Mr. Ex-Proof-Reader knew that he had gambled big on this one piece of Human Interest. He implemented measures that would help him monitor and protect his investment. Assessment Banks were set up to do real-time monitoring of the readership and public sentiment regarding our protagonist and his story. The leading lights in Public Psychology and Public Relations were employed to, respectively, figure out what sequence of events would best excite the masses and how these could be packaged. A discreet security detail was provided to the hero, without his knowledge or consent, and attractive and interesting women were discouraged from befriending our protagonist too much lest his attention wander.

Over time, these measures proved remarkably successful.
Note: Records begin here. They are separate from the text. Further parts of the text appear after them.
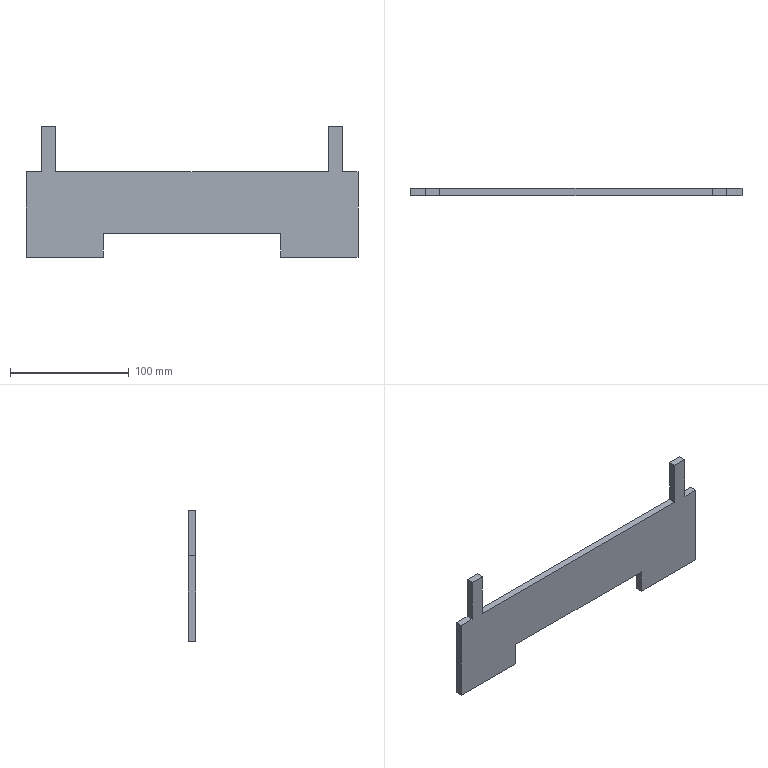Component | SolidWorks | THK-B1012LowerBaffle-1 | 1 solid | 18 faces | box 280 x 6 x 110 mm | volume 108432 mm3 | plane 18 | material Q235A
STEP:
#1=COLOUR_RGB('',0.7922,0.8196,0.9333);
#2=FILL_AREA_STYLE_COLOUR('',#1);
#3=FILL_AREA_STYLE('',(#2));
#4=SURFACE_STYLE_FILL_AREA(#3);
#5=SURFACE_SIDE_STYLE('',(#4));
#6=SURFACE_STYLE_USAGE(.BOTH.,#5);
#7=PRESENTATION_STYLE_ASSIGNMENT((#6));
#8=CARTESIAN_POINT('',(-5.,-5.354,-5.709));
#9=VERTEX_POINT('',#8);
#10=CARTESIAN_POINT('',(-4.528,-5.354,-5.709));
#11=VERTEX_POINT('',#10);
#12=CARTESIAN_POINT('',(-5.512,-5.354,-5.709));
#13=DIRECTION('',(1.,0.,0.));
#14=VECTOR('',#13,39.37);
#15=LINE('',#12,#14);
#16=EDGE_CURVE('',#9,#11,#15,.T.);
#17=ORIENTED_EDGE('',*,*,#16,.T.);
#18=CARTESIAN_POINT('',(-4.528,-5.118,-5.709));
#19=VERTEX_POINT('',#18);
#20=CARTESIAN_POINT('',(-4.528,-5.118,-5.709));
#21=DIRECTION('',(-0.,1.,0.));
#22=VECTOR('',#21,39.37);
#23=LINE('',#20,#22);
#24=EDGE_CURVE('',#11,#19,#23,.T.);
#25=ORIENTED_EDGE('',*,*,#24,.T.);
#26=CARTESIAN_POINT('',(-5.,-5.118,-5.709));
#27=VERTEX_POINT('',#26);
#28=CARTESIAN_POINT('',(-5.512,-5.118,-5.709));
#29=DIRECTION('',(1.,0.,0.));
#30=VECTOR('',#29,39.37);
#31=LINE('',#28,#30);
#32=EDGE_CURVE('',#27,#19,#31,.T.);
#33=ORIENTED_EDGE('',*,*,#32,.F.);
#34=CARTESIAN_POINT('',(-5.,-5.354,-5.709));
#35=DIRECTION('',(-0.,1.,0.));
#36=VECTOR('',#35,39.37);
#37=LINE('',#34,#36);
#38=EDGE_CURVE('',#9,#27,#37,.T.);
#39=ORIENTED_EDGE('',*,*,#38,.F.);
#40=EDGE_LOOP('',(#17,#25,#33,#39));
#41=FACE_OUTER_BOUND('',#40,.T.);
#42=CARTESIAN_POINT('',(0.,-5.118,-5.709));
#43=DIRECTION('',(0.,0.,-1.));
#44=DIRECTION('',(-1.,0.,0.));
#45=AXIS2_PLACEMENT_3D('',#42,#43,#44);
#46=PLANE('',#45);
#47=ADVANCED_FACE('',(#41),#46,.F.);
#48=CARTESIAN_POINT('',(-2.953,-5.354,-10.039));
#49=VERTEX_POINT('',#48);
#50=CARTESIAN_POINT('',(-2.953,-5.118,-10.039));
#51=VERTEX_POINT('',#50);
#52=CARTESIAN_POINT('',(-2.953,-5.118,-10.039));
#53=DIRECTION('',(-0.,1.,0.));
#54=VECTOR('',#53,39.37);
#55=LINE('',#52,#54);
#56=EDGE_CURVE('',#49,#51,#55,.T.);
#57=ORIENTED_EDGE('',*,*,#56,.F.);
#58=CARTESIAN_POINT('',(-5.512,-5.354,-10.039));
#59=VERTEX_POINT('',#58);
#60=CARTESIAN_POINT('',(-5.512,-5.354,-10.039));
#61=DIRECTION('',(1.,0.,0.));
#62=VECTOR('',#61,39.37);
#63=LINE('',#60,#62);
#64=EDGE_CURVE('',#59,#49,#63,.T.);
#65=ORIENTED_EDGE('',*,*,#64,.F.);
#66=CARTESIAN_POINT('',(-5.512,-5.118,-10.039));
#67=VERTEX_POINT('',#66);
#68=CARTESIAN_POINT('',(-5.512,-5.354,-10.039));
#69=DIRECTION('',(0.,1.,0.));
#70=VECTOR('',#69,39.37);
#71=LINE('',#68,#70);
#72=EDGE_CURVE('',#59,#67,#71,.T.);
#73=ORIENTED_EDGE('',*,*,#72,.T.);
#74=CARTESIAN_POINT('',(-5.512,-5.118,-10.039));
#75=DIRECTION('',(1.,0.,0.));
#76=VECTOR('',#75,39.37);
#77=LINE('',#74,#76);
#78=EDGE_CURVE('',#67,#51,#77,.T.);
#79=ORIENTED_EDGE('',*,*,#78,.T.);
#80=EDGE_LOOP('',(#57,#65,#73,#79));
#81=FACE_OUTER_BOUND('',#80,.T.);
#82=CARTESIAN_POINT('',(0.,-5.118,-10.039));
#83=DIRECTION('',(0.,0.,-1.));
#84=DIRECTION('',(-1.,0.,0.));
#85=AXIS2_PLACEMENT_3D('',#82,#83,#84);
#86=PLANE('',#85);
#87=ADVANCED_FACE('',(#81),#86,.T.);
#88=CARTESIAN_POINT('',(5.512,-5.354,-7.205));
#89=VERTEX_POINT('',#88);
#90=CARTESIAN_POINT('',(5.,-5.354,-7.205));
#91=VERTEX_POINT('',#90);
#92=CARTESIAN_POINT('',(5.512,-5.354,-7.205));
#93=DIRECTION('',(-1.,-0.,0.));
#94=VECTOR('',#93,39.37);
#95=LINE('',#92,#94);
#96=EDGE_CURVE('',#89,#91,#95,.T.);
#97=ORIENTED_EDGE('',*,*,#96,.T.);
#98=CARTESIAN_POINT('',(5.,-5.354,-5.709));
#99=VERTEX_POINT('',#98);
#100=CARTESIAN_POINT('',(5.,-5.354,-5.709));
#101=DIRECTION('',(0.,0.,1.));
#102=VECTOR('',#101,39.37);
#103=LINE('',#100,#102);
#104=EDGE_CURVE('',#91,#99,#103,.T.);
#105=ORIENTED_EDGE('',*,*,#104,.T.);
#106=CARTESIAN_POINT('',(4.528,-5.354,-5.709));
#107=VERTEX_POINT('',#106);
#108=CARTESIAN_POINT('',(-5.512,-5.354,-5.709));
#109=DIRECTION('',(1.,0.,0.));
#110=VECTOR('',#109,39.37);
#111=LINE('',#108,#110);
#112=EDGE_CURVE('',#107,#99,#111,.T.);
#113=ORIENTED_EDGE('',*,*,#112,.F.);
#114=CARTESIAN_POINT('',(4.528,-5.354,-7.205));
#115=VERTEX_POINT('',#114);
#116=CARTESIAN_POINT('',(4.528,-5.354,-7.205));
#117=DIRECTION('',(0.,0.,-1.));
#118=VECTOR('',#117,39.37);
#119=LINE('',#116,#118);
#120=EDGE_CURVE('',#107,#115,#119,.T.);
#121=ORIENTED_EDGE('',*,*,#120,.T.);
#122=CARTESIAN_POINT('',(-4.528,-5.354,-7.205));
#123=VERTEX_POINT('',#122);
#124=CARTESIAN_POINT('',(-4.528,-5.354,-7.205));
#125=DIRECTION('',(-1.,-0.,0.));
#126=VECTOR('',#125,39.37);
#127=LINE('',#124,#126);
#128=EDGE_CURVE('',#115,#123,#127,.T.);
#129=ORIENTED_EDGE('',*,*,#128,.T.);
#130=CARTESIAN_POINT('',(-4.528,-5.354,-7.205));
#131=DIRECTION('',(0.,0.,1.));
#132=VECTOR('',#131,39.37);
#133=LINE('',#130,#132);
#134=EDGE_CURVE('',#123,#11,#133,.T.);
#135=ORIENTED_EDGE('',*,*,#134,.T.);
#136=ORIENTED_EDGE('',*,*,#16,.F.);
#137=CARTESIAN_POINT('',(-5.,-5.354,-7.205));
#138=VERTEX_POINT('',#137);
#139=CARTESIAN_POINT('',(-5.,-5.354,-5.709));
#140=DIRECTION('',(0.,0.,-1.));
#141=VECTOR('',#140,39.37);
#142=LINE('',#139,#141);
#143=EDGE_CURVE('',#9,#138,#142,.T.);
#144=ORIENTED_EDGE('',*,*,#143,.T.);
#145=CARTESIAN_POINT('',(-5.512,-5.354,-7.205));
#146=VERTEX_POINT('',#145);
#147=CARTESIAN_POINT('',(-5.512,-5.354,-7.205));
#148=DIRECTION('',(-1.,-0.,0.));
#149=VECTOR('',#148,39.37);
#150=LINE('',#147,#149);
#151=EDGE_CURVE('',#138,#146,#150,.T.);
#152=ORIENTED_EDGE('',*,*,#151,.T.);
#153=CARTESIAN_POINT('',(-5.512,-5.354,-5.709));
#154=DIRECTION('',(0.,0.,-1.));
#155=VECTOR('',#154,39.37);
#156=LINE('',#153,#155);
#157=EDGE_CURVE('',#146,#59,#156,.T.);
#158=ORIENTED_EDGE('',*,*,#157,.T.);
#159=ORIENTED_EDGE('',*,*,#64,.T.);
#160=CARTESIAN_POINT('',(-2.953,-5.354,-9.252));
#161=VERTEX_POINT('',#160);
#162=CARTESIAN_POINT('',(-2.953,-5.354,-9.252));
#163=DIRECTION('',(0.,0.,1.));
#164=VECTOR('',#163,39.37);
#165=LINE('',#162,#164);
#166=EDGE_CURVE('',#49,#161,#165,.T.);
#167=ORIENTED_EDGE('',*,*,#166,.T.);
#168=CARTESIAN_POINT('',(2.953,-5.354,-9.252));
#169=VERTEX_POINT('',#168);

Far from waning, public interest in The Story continued to grow. Marginal media like Twitter and Facebook came into the fore riding on the back of the largest ground swell of public sentiment since they discovered that the moon landing had been faked. This added to the sense of confidence of our young entrepreneur and, like all young, foolish men, he gambled bigger. Pledges were made, contracts signed and undertakings undertaken. Deals with the Devil, and other publishing houses, were made. Where it stands today is that, depending on where the main story goes from here, the publishing house of interest to us could, either, grow to become a juggernaut the likes of which we haven’t seen since the Department of Justice took such a dislike to monopolies or could crumble leaving a trail of destruction among Media, Investment Banks and Governments the likes of which we haven’t seen since, well, October 2008.

Our hero, meanwhile, continues to live an exemplary life. He is on the cusp of setting up a Food and Beverages empire. In the interim, he moonlights at a weekend job where, by all measures, he is a resounding success. My publishers, nonetheless, have cause for concern. The narrative, while nowhere near being a disaster, runs the real risk of being a has-been. Unless something momentous happens within it the public will just move on, not realizing the destruction their short attention spans could cause. They would find another fad to hang their eyelids on for the briefest moment. The next Facebook. Or Twitter. Or, gasp, even some MBA who fancies himself the next Cervantes.

And then there are the readers. What of them, you ask. Well, consider how most of them have grown up rooting for this Hercules of today. Imagine what learning you and I would have derived had the Aegean Stables flummoxed our hero in that tale. And then there is the entire class of people who have lived off the glory reflected off our protagonist. Their lives, should our hero fail in his endeavours, would collapse like Lehman Brothers.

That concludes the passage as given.